# Reassembled my grill...



## jirwinftw (Jul 20, 2007)

I have recently taken apart the grill assembly and have put it into a countertop in the backyard.  the problem i am having is i had to move the controls to the side of the bbq pit instead of in the housing it was apart of.  I was wondering if anyone has some advice in the line of extending the 'venturis' (?) that allow gas to go from the on/off valve to the burners.  I need venturis that are flexible and about 2' in length.  I couldn't find any at the hardware stores, and online i could only find venturi's that are not flexible.  

thanks,
josh


----------



## Uncle Bob (Jul 20, 2007)

Hey, and welcome to DC. 

I don't have a gas grill, but maybe you should check with a propane gas dealer that also sells grills to see if such a part exist. Also the manufacturer of your grill may be of help.

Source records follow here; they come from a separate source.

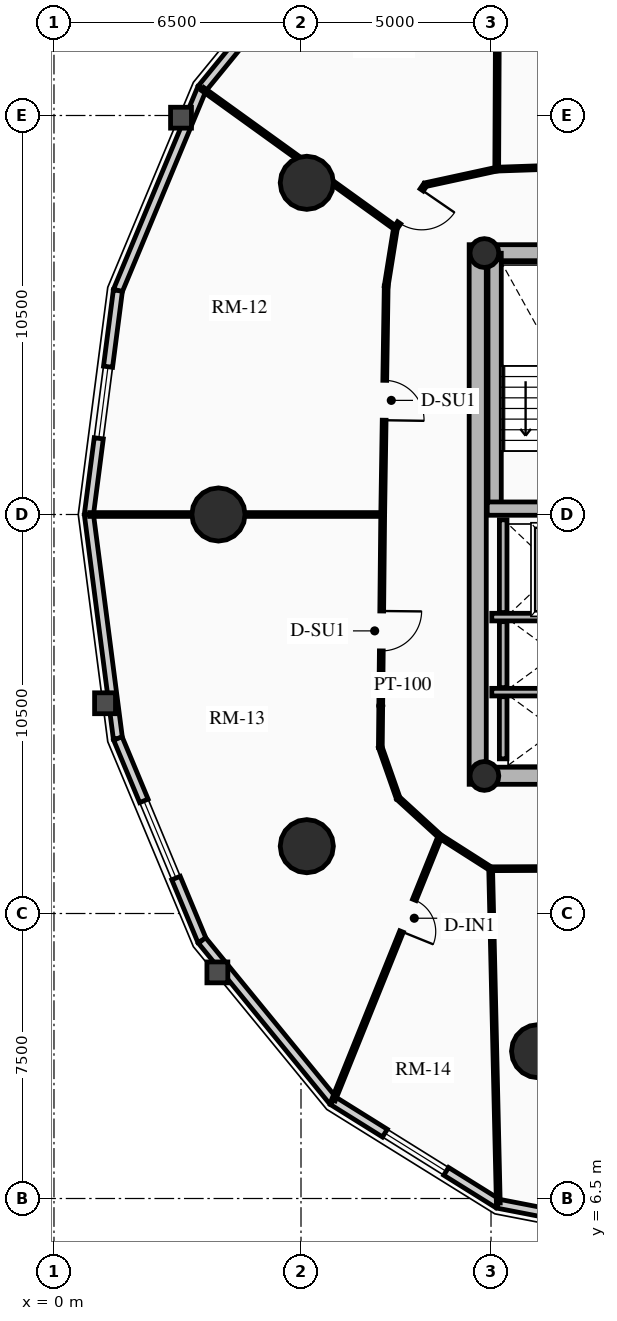
"""IFC4 building model, lengths in metres.
Left out: names, types, materials, properties, quantities, classifications, styles, units other than length and angle.
Written with IfcOpenShell. Run it as: python <this file> out.ifc"""

import sys

from ifc_helpers import new_model, si_unit, direction, frame, frame_2d, origin, origin_2d, place, context, subcontext, project, spatial, rectangle, circle, hollow_circle, extrude, source, transform, mapped, element, fill, save


model = new_model("IFC4")
c1 = context("Model", 3, precision=1e-05, world=origin(), true_north=direction((0.0, 1.0)))
c2 = subcontext(c1, "Body", "Model", "MODEL_VIEW")
j1 = project(units=[si_unit("LENGTHUNIT", "METRE"), si_unit("PLANEANGLEUNIT", "RADIAN")], contexts=[c1])
p1 = place(None, origin())
s1 = spatial("IfcSite", under=j1, at=p1, CompositionType="ELEMENT")
p2 = place(p1, origin())
s2 = spatial("IfcBuilding", under=s1, at=p2, CompositionType="ELEMENT")
p3 = place(p2, frame((0.0, 0.0, 99.25)))
s3 = spatial("IfcBuildingStorey", under=s2, at=p3, CompositionType="ELEMENT", Elevation=99.25)
p4 = place(p3, frame((11.15, 17.4, 0.0), z_axis=(0.0, 0.0, 1.0), x_axis=(0.0, 1.0, 0.0)))
e1 = element("IfcWall", 1, at=p4, inside=s3, PredefinedType="SHEAR", context=c2, shape_type="SweptSolid", body=[
    extrude(rectangle(XDim=14.2, YDim=0.45, at=frame_2d((7.1, 0.0))), origin(), (0.0, 0.0, 1.0), 2.91),
])
p5 = place(p3, frame((11.15, 17.625, 0.0), z_axis=(0.0, 0.0, 1.0), x_axis=(1.0, 0.0, 0.0)))
e2 = element("IfcWall", 2, at=p5, inside=s3, PredefinedType="SHEAR", context=c2, shape_type="SweptSolid", body=[
    extrude(rectangle(XDim=10.7, YDim=0.45, at=frame_2d((5.35, 0.0))), origin(), (0.0, 0.0, 1.0), 2.91),
])
m1 = source(origin(), c2, "Body", "SweptSolid", [
    extrude(rectangle(XDim=1.5, YDim=2.02, at=frame_2d((0.75, 1.01))), frame((0.0, 0.235, 0.0), z_axis=(0.0, -1.0, 0.0), x_axis=(1.0, 0.0, 0.0)), (0.0, 0.0, 1.0), 0.47),
])
p6 = place(p5, frame((5.45, 0.0, 0.0)))
e3 = element("IfcOpeningElement", 3, at=p6, cuts=e2, PredefinedType="OPENING", context=c2, shape_type="MappedRepresentation", body=[
    mapped(m1, transform((0.0, 0.0, 0.0), x_axis=(1.0, 0.0, 0.0), y_axis=(0.0, 1.0, 0.0), z_axis=(0.0, 0.0, 1.0), scale=1.0)),
])
p7 = place(p3, frame((11.15, 31.375, 0.0), z_axis=(0.0, 0.0, 1.0), x_axis=(1.0, 0.0, 0.0)))
e4 = element("IfcWall", 4, at=p7, inside=s3, PredefinedType="SHEAR", context=c2, shape_type="SweptSolid", body=[
    extrude(rectangle(XDim=10.7, YDim=0.45, at=frame_2d((5.35, 0.0))), origin(), (0.0, 0.0, 1.0), 2.91),
])
p8 = place(p7, frame((4.6, 0.0, 0.0)))
e5 = element("IfcOpeningElement", 5, at=p8, cuts=e4, PredefinedType="OPENING", context=c2, shape_type="MappedRepresentation", body=[
    mapped(m1, transform((0.0, 0.0, 0.0), x_axis=(1.0, 0.0, 0.0), y_axis=(0.0, 1.0, 0.0), z_axis=(0.0, 0.0, 1.0), scale=1.0)),
])
p9 = place(p3, frame((11.595, 24.655, 0.0), z_axis=(0.0, 0.0, 1.0), x_axis=(0.0, 1.0, 0.0)))
e6 = element("IfcWall", 6, at=p9, inside=s3, PredefinedType="SHEAR", context=c2, shape_type="SweptSolid", body=[
    extrude(rectangle(XDim=6.72, YDim=0.35, at=frame_2d((3.36, 0.0))), origin(), (0.0, 0.0, 1.0), 2.91),
])
p10 = place(p3, frame((11.4, 24.655, 0.0), z_axis=(0.0, 0.0, 1.0), x_axis=(1.0, 0.0, 0.0)))
e7 = element("IfcWall", 7, at=p10, inside=s3, PredefinedType="SHEAR", context=c2, shape_type="SweptSolid", body=[
    extrude(rectangle(XDim=3.285, YDim=0.35, at=frame_2d((1.643, 0.0))), origin(), (0.0, 0.0, 1.0), 2.91),
])
for number, where, z_axis, x_axis in (
    (8, (11.325, 17.62, 0.0), (0.0, 0.0, 1.0), (1.0, 0.0, 0.0)),
    (9, (11.325, 31.38, 0.0), (0.0, 0.0, 1.0), (1.0, 0.0, 0.0)),
):
    element("IfcColumn", number, at=place(p3, frame(where, z_axis=z_axis, x_axis=x_axis)), inside=s3, PredefinedType="COLUMN", context=c2, shape_type="SweptSolid", body=[
        extrude(hollow_circle(Radius=0.38, WallThickness=0.032, at=origin_2d()), origin(), (0.0, 0.0, 1.0), 2.91),
    ])
for number, where, z_axis, x_axis in (
    (10, (6.653, 33.229, 0.0), (0.0, 0.0, 1.0), (1.0, 0.0, 0.0)),
    (11, (4.328, 24.5, 0.0), (0.0, 0.0, 1.0), (1.0, 0.0, 0.0)),
    (12, (6.653, 15.771, 0.0), (0.0, 0.0, 1.0), (1.0, 0.0, 0.0)),
    (13, (12.739, 10.377, 0.0), (0.0, 0.0, 1.0), (1.0, 0.0, 0.0)),
):
    element("IfcColumn", number, at=place(p3, frame(where, z_axis=z_axis, x_axis=x_axis)), inside=s3, PredefinedType="USERDEFINED", context=c2, shape_type="SweptSolid", body=[
        extrude(circle(Radius=0.7, at=origin_2d()), origin(), (0.0, 0.0, 1.0), 2.91),
    ])
p11 = place(p3, frame((3.895, 35.709, 0.0), z_axis=(0.0, 0.0, 1.0), x_axis=(0.632700781152, 0.77439635945, 0.0)))
e14 = element("IfcWall", 14, at=p11, inside=s3, PredefinedType="SOLIDWALL", context=c2, shape_type="SweptSolid", body=[
    extrude(rectangle(XDim=5.448, YDim=0.24, at=frame_2d((2.724, 0.0))), origin(), (0.0, 0.0, 1.0), 2.179),
])
m2 = source(origin(), c2, "Body", "SweptSolid", [
    extrude(rectangle(XDim=1.9, YDim=1.35, at=frame_2d((0.95, 0.675))), frame((0.0, 0.13, 0.0), z_axis=(0.0, -1.0, 0.0), x_axis=(1.0, 0.0, 0.0)), (0.0, 0.0, 1.0), 0.26),
])
p12 = place(p11, frame((1.774, 0.0, 0.65)))
e15 = element("IfcOpeningElement", 15, at=p12, cuts=e14, PredefinedType="OPENING", context=c2, shape_type="MappedRepresentation", body=[
    mapped(m2, transform((0.0, 0.0, 0.0), x_axis=(1.0, 0.0, 0.0), y_axis=(0.0, 1.0, 0.0), z_axis=(0.0, 0.0, 1.0), scale=1.0)),
])
p13 = place(p3, frame((1.682, 30.393, 0.0), z_axis=(0.0, 0.0, 1.0), x_axis=(0.384344417632, 0.923189779317, 0.0)))
e16 = element("IfcWall", 16, at=p13, inside=s3, PredefinedType="SOLIDWALL", context=c2, shape_type="SweptSolid", body=[
    extrude(rectangle(XDim=5.758, YDim=0.24, at=frame_2d((2.879, 0.0))), origin(), (0.0, 0.0, 1.0), 2.179),
])
p14 = place(p3, frame((0.919, 24.5, 0.0), z_axis=(0.0, 0.0, 1.0), x_axis=(0.128351991996, 0.991728675672, 0.0)))
e17 = element("IfcWall", 17, at=p14, inside=s3, PredefinedType="SOLIDWALL", context=c2, shape_type="SweptSolid", body=[
    extrude(rectangle(XDim=5.942, YDim=0.24, at=frame_2d((2.971, 0.0))), origin(), (0.0, 0.0, 1.0), 2.179),
])
p15 = place(p14, frame((2.021, 0.0, 0.65)))
e18 = element("IfcOpeningElement", 18, at=p15, cuts=e17, PredefinedType="OPENING", context=c2, shape_type="MappedRepresentation", body=[
    mapped(m2, transform((0.0, 0.0, 0.0), x_axis=(1.0, 0.0, 0.0), y_axis=(0.0, 1.0, 0.0), z_axis=(0.0, 0.0, 1.0), scale=1.0)),
])
p16 = place(p3, frame((1.682, 18.607, 0.0), z_axis=(0.0, 0.0, 1.0), x_axis=(-0.128351991996, 0.991728675672, 0.0)))
e19 = element("IfcWall", 19, at=p16, inside=s3, PredefinedType="SOLIDWALL", context=c2, shape_type="SweptSolid", body=[
    extrude(rectangle(XDim=5.942, YDim=0.24, at=frame_2d((2.971, 0.0))), origin(), (0.0, 0.0, 1.0), 2.179),
])
p17 = place(p3, frame((3.895, 13.291, 0.0), z_axis=(0.0, 0.0, 1.0), x_axis=(-0.384344417632, 0.923189779317, 0.0)))
e20 = element("IfcWall", 20, at=p17, inside=s3, PredefinedType="SOLIDWALL", context=c2, shape_type="SweptSolid", body=[
    extrude(rectangle(XDim=5.758, YDim=0.24, at=frame_2d((2.879, 0.0))), origin(), (0.0, 0.0, 1.0), 2.179),
])
m3 = source(origin(), c2, "Body", "SweptSolid", [
    extrude(rectangle(XDim=2.2, YDim=1.35, at=frame_2d((1.1, 0.675))), frame((0.0, 0.13, 0.0), z_axis=(0.0, -1.0, 0.0), x_axis=(1.0, 0.0, 0.0)), (0.0, 0.0, 1.0), 0.26),
])
p18 = place(p17, frame((1.779, 0.0, 0.65)))
e21 = element("IfcOpeningElement", 21, at=p18, cuts=e20, PredefinedType="OPENING", context=c2, shape_type="MappedRepresentation", body=[
    mapped(m3, transform((0.0, 0.0, 0.0), x_axis=(1.0, 0.0, 0.0), y_axis=(0.0, 1.0, 0.0), z_axis=(0.0, 0.0, 1.0), scale=1.0)),
])
p19 = place(p3, frame((7.342, 9.072, 0.0), z_axis=(0.0, 0.0, 1.0), x_axis=(-0.632700781152, 0.77439635945, 0.0)))
e22 = element("IfcWall", 22, at=p19, inside=s3, PredefinedType="SOLIDWALL", context=c2, shape_type="SweptSolid", body=[
    extrude(rectangle(XDim=5.448, YDim=0.24, at=frame_2d((2.724, 0.0))), origin(), (0.0, 0.0, 1.0), 2.179),
])
p20 = place(p3, frame((11.685, 6.363, 0.0), z_axis=(0.0, 0.0, 1.0), x_axis=(-0.848520380187, 0.529162701263, 0.0)))
e23 = element("IfcWall", 23, at=p20, inside=s3, PredefinedType="SOLIDWALL", context=c2, shape_type="SweptSolid", body=[
    extrude(rectangle(XDim=5.119, YDim=0.24, at=frame_2d((2.56, 0.0))), origin(), (0.0, 0.0, 1.0), 2.179),
])
p21 = place(p20, frame((1.609, 0.0, 0.65)))
e24 = element("IfcOpeningElement", 24, at=p21, cuts=e23, PredefinedType="OPENING", context=c2, shape_type="MappedRepresentation", body=[
    mapped(m2, transform((0.0, 0.0, 0.0), x_axis=(1.0, 0.0, 0.0), y_axis=(0.0, 1.0, 0.0), z_axis=(0.0, 0.0, 1.0), scale=1.0)),
])
p22 = place(p3, frame((16.5, 5.43, 0.0), z_axis=(0.0, 0.0, 1.0), x_axis=(-0.981723785992, 0.190311344954, 0.0)))
e25 = element("IfcWall", 25, at=p22, inside=s3, PredefinedType="SOLIDWALL", context=c2, shape_type="SweptSolid", body=[
    extrude(rectangle(XDim=4.904, YDim=0.24, at=frame_2d((2.452, 0.0))), origin(), (0.0, 0.0, 1.0), 2.179),
])
p23 = place(p22, frame((1.352, 0.0, 0.65)))
e26 = element("IfcOpeningElement", 26, at=p23, cuts=e25, PredefinedType="OPENING", context=c2, shape_type="MappedRepresentation", body=[
    mapped(m3, transform((0.0, 0.0, 0.0), x_axis=(1.0, 0.0, 0.0), y_axis=(0.0, 1.0, 0.0), z_axis=(0.0, 0.0, 1.0), scale=1.0)),
])
p24 = place(p3, frame((11.52, 21.8, 0.0), z_axis=(0.0, 0.0, 1.0), x_axis=(1.0, 0.0, 0.0)))
e27 = element("IfcWall", 27, at=p24, inside=s3, PredefinedType="SHEAR", context=c2, shape_type="SweptSolid", body=[
    extrude(rectangle(XDim=2.97, YDim=0.2, at=frame_2d((1.485, 0.0))), origin(), (0.0, 0.0, 1.0), 2.91),
])
p25 = place(p3, frame((11.82, 21.92, 0.0), z_axis=(0.0, 0.0, 1.0), x_axis=(0.0, 1.0, 0.0)))
e28 = element("IfcWall", 28, at=p25, inside=s3, PredefinedType="SHEAR", context=c2, shape_type="SweptSolid", body=[
    extrude(rectangle(XDim=2.44, YDim=0.2, at=frame_2d((1.22, 0.0))), origin(), (0.0, 0.0, 1.0), 2.91),
])
p26 = place(p3, frame((11.52, 19.825, 0.0), z_axis=(0.0, 0.0, 1.0), x_axis=(1.0, 0.0, 0.0)))
e29 = element("IfcWall", 29, at=p26, inside=s3, PredefinedType="SHEAR", context=c2, shape_type="SweptSolid", body=[
    extrude(rectangle(XDim=2.97, YDim=0.2, at=frame_2d((1.485, 0.0))), origin(), (0.0, 0.0, 1.0), 2.91),
])
p27 = place(p3, frame((11.82, 19.945, 0.0), z_axis=(0.0, 0.0, 1.0), x_axis=(0.0, 1.0, 0.0)))
e30 = element("IfcWall", 30, at=p27, inside=s3, PredefinedType="SHEAR", context=c2, shape_type="SweptSolid", body=[
    extrude(rectangle(XDim=1.735, YDim=0.2, at=frame_2d((0.867, 0.0))), origin(), (0.0, 0.0, 1.0), 2.91),
])
p28 = place(p3, frame((11.82, 18.07, 0.0), z_axis=(0.0, 0.0, 1.0), x_axis=(0.0, 1.0, 0.0)))
e31 = element("IfcWall", 31, at=p28, inside=s3, PredefinedType="SHEAR", context=c2, shape_type="SweptSolid", body=[
    extrude(rectangle(XDim=1.635, YDim=0.2, at=frame_2d((0.817, 0.0))), origin(), (0.0, 0.0, 1.0), 2.91),
])
p29 = place(p3, frame((18.133, 33.81, 0.0), z_axis=(0.0, 0.0, 1.0), x_axis=(-0.999415793323, -0.03417706916, 0.0)))
e32 = element("IfcWall", 32, at=p29, inside=s3, PredefinedType="MOVABLE", context=c2, shape_type="SweptSolid", body=[
    extrude(rectangle(XDim=6.486, YDim=0.1, at=frame_2d((3.243, 0.0))), origin(), (0.0, 0.0, 1.0), 2.225),
])
p30 = place(p3, frame((11.65, 33.588, 0.0), z_axis=(0.0, 0.0, 1.0), x_axis=(-0.977141987047, -0.212587716366, 0.0)))
e33 = element("IfcWall", 33, at=p30, inside=s3, PredefinedType="MOVABLE", context=c2, shape_type="SweptSolid", body=[
    extrude(rectangle(XDim=1.924, YDim=0.1, at=frame_2d((0.962, 0.0))), origin(), (0.0, 0.0, 1.0), 2.225),
])
p31 = place(p3, frame((9.771, 33.179, 0.0), z_axis=(0.0, 0.0, 1.0), x_axis=(-0.56664857412, -0.823959582412, 0.0)))
e34 = element("IfcWall", 34, at=p31, inside=s3, PredefinedType="MOVABLE", context=c2, shape_type="SweptSolid", body=[
    extrude(rectangle(XDim=1.384, YDim=0.1, at=frame_2d((0.692, 0.0))), origin(), (0.0, 0.0, 1.0), 2.225),
])
m4 = source(origin(), c2, "Body", "SweptSolid", [
    extrude(rectangle(XDim=1.05, YDim=2.015, at=frame_2d((0.525, 1.007))), frame((0.0, 0.06, 0.0), z_axis=(0.0, -1.0, 0.0), x_axis=(1.0, 0.0, 0.0)), (0.0, 0.0, 1.0), 0.12),
])
p32 = place(p31, frame((0.167, 0.0, 0.0)))
e35 = element("IfcOpeningElement", 35, at=p32, cuts=e34, PredefinedType="OPENING", context=c2, shape_type="MappedRepresentation", body=[
    mapped(m4, transform((0.0, 0.0, 0.0), x_axis=(1.0, 0.0, 0.0), y_axis=(0.0, 1.0, 0.0), z_axis=(0.0, 0.0, 1.0), scale=1.0)),
])
p33 = place(p3, frame((8.986, 32.038, 0.0), z_axis=(0.0, 0.0, 1.0), x_axis=(-0.158224526738, -0.987403159372, 0.0)))
e36 = element("IfcWall", 36, at=p33, inside=s3, PredefinedType="MOVABLE", context=c2, shape_type="SweptSolid", body=[
    extrude(rectangle(XDim=1.546, YDim=0.1, at=frame_2d((0.773, 0.0))), origin(), (0.0, 0.0, 1.0), 2.225),
])
p34 = place(p3, frame((8.742, 30.512, 0.0), z_axis=(0.0, 0.0, 1.0), x_axis=(-0.015267875777, -0.999883439191, 0.0)))
e37 = element("IfcWall", 37, at=p34, inside=s3, PredefinedType="MOVABLE", context=c2, shape_type="SweptSolid", body=[
    extrude(rectangle(XDim=6.012, YDim=0.1, at=frame_2d((3.006, 0.0))), origin(), (0.0, 0.0, 1.0), 2.655),
])
p35 = place(p34, frame((2.481, 0.0, 0.0)))
e38 = element("IfcOpeningElement", 38, at=p35, cuts=e37, PredefinedType="OPENING", context=c2, shape_type="MappedRepresentation", body=[
    mapped(m4, transform((0.0, 0.0, 0.0), x_axis=(1.0, 0.0, 0.0), y_axis=(0.0, 1.0, 0.0), z_axis=(0.0, 0.0, 1.0), scale=1.0)),
])
p36 = place(p3, frame((8.65, 24.5, 0.0), z_axis=(0.0, 0.0, 1.0), x_axis=(-0.010196235655, -0.999948017038, 0.0)))
e39 = element("IfcWall", 39, at=p36, inside=s3, PredefinedType="MOVABLE", context=c2, shape_type="SweptSolid", body=[
    extrude(rectangle(XDim=6.13, YDim=0.1, at=frame_2d((3.065, 0.0))), origin(), (0.0, 0.0, 1.0), 2.225),
])
p37 = place(p36, frame((2.54, 0.0, 0.0)))
e40 = element("IfcOpeningElement", 40, at=p37, cuts=e39, PredefinedType="OPENING", context=c2, shape_type="MappedRepresentation", body=[
    mapped(m4, transform((0.0, 0.0, 0.0), x_axis=(1.0, 0.0, 0.0), y_axis=(0.0, 1.0, 0.0), z_axis=(0.0, 0.0, 1.0), scale=1.0)),
])
p38 = place(p3, frame((8.587, 18.371, 0.0), z_axis=(0.0, 0.0, 1.0), x_axis=(0.331494289155, -0.943457225452, 0.0)))
e41 = element("IfcWall", 41, at=p38, inside=s3, PredefinedType="MOVABLE", context=c2, shape_type="SweptSolid", body=[
    extrude(rectangle(XDim=1.416, YDim=0.1, at=frame_2d((0.708, 0.0))), origin(), (0.0, 0.0, 1.0), 2.225),
])
p39 = place(p3, frame((9.057, 17.034, 0.0), z_axis=(0.0, 0.0, 1.0), x_axis=(0.737874877538, -0.674937526811, 0.0)))
e42 = element("IfcWall", 42, at=p39, inside=s3, PredefinedType="MOVABLE", context=c2, shape_type="SweptSolid", body=[
    extrude(rectangle(XDim=1.49, YDim=0.1, at=frame_2d((0.745, 0.0))), origin(), (0.0, 0.0, 1.0), 2.225),
])
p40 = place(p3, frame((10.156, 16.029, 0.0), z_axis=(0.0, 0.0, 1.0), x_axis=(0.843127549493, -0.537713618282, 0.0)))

Obviously, when altering gas appliances, the primary concern should be saftey! 

Have fun & be careful!

Again, Welcome!!


----------



## KitchenSally (Jul 20, 2007)

Hi Josh,

I just did the very same thing.  I got my new plate w/flexible venturi tubes at Rona.  Imagine Home Depot would have the same.  

Note that at first it looked like the new unit was not going to reach but we moved the whole unit forward and fiddled with it a bit and it worked out great.


----------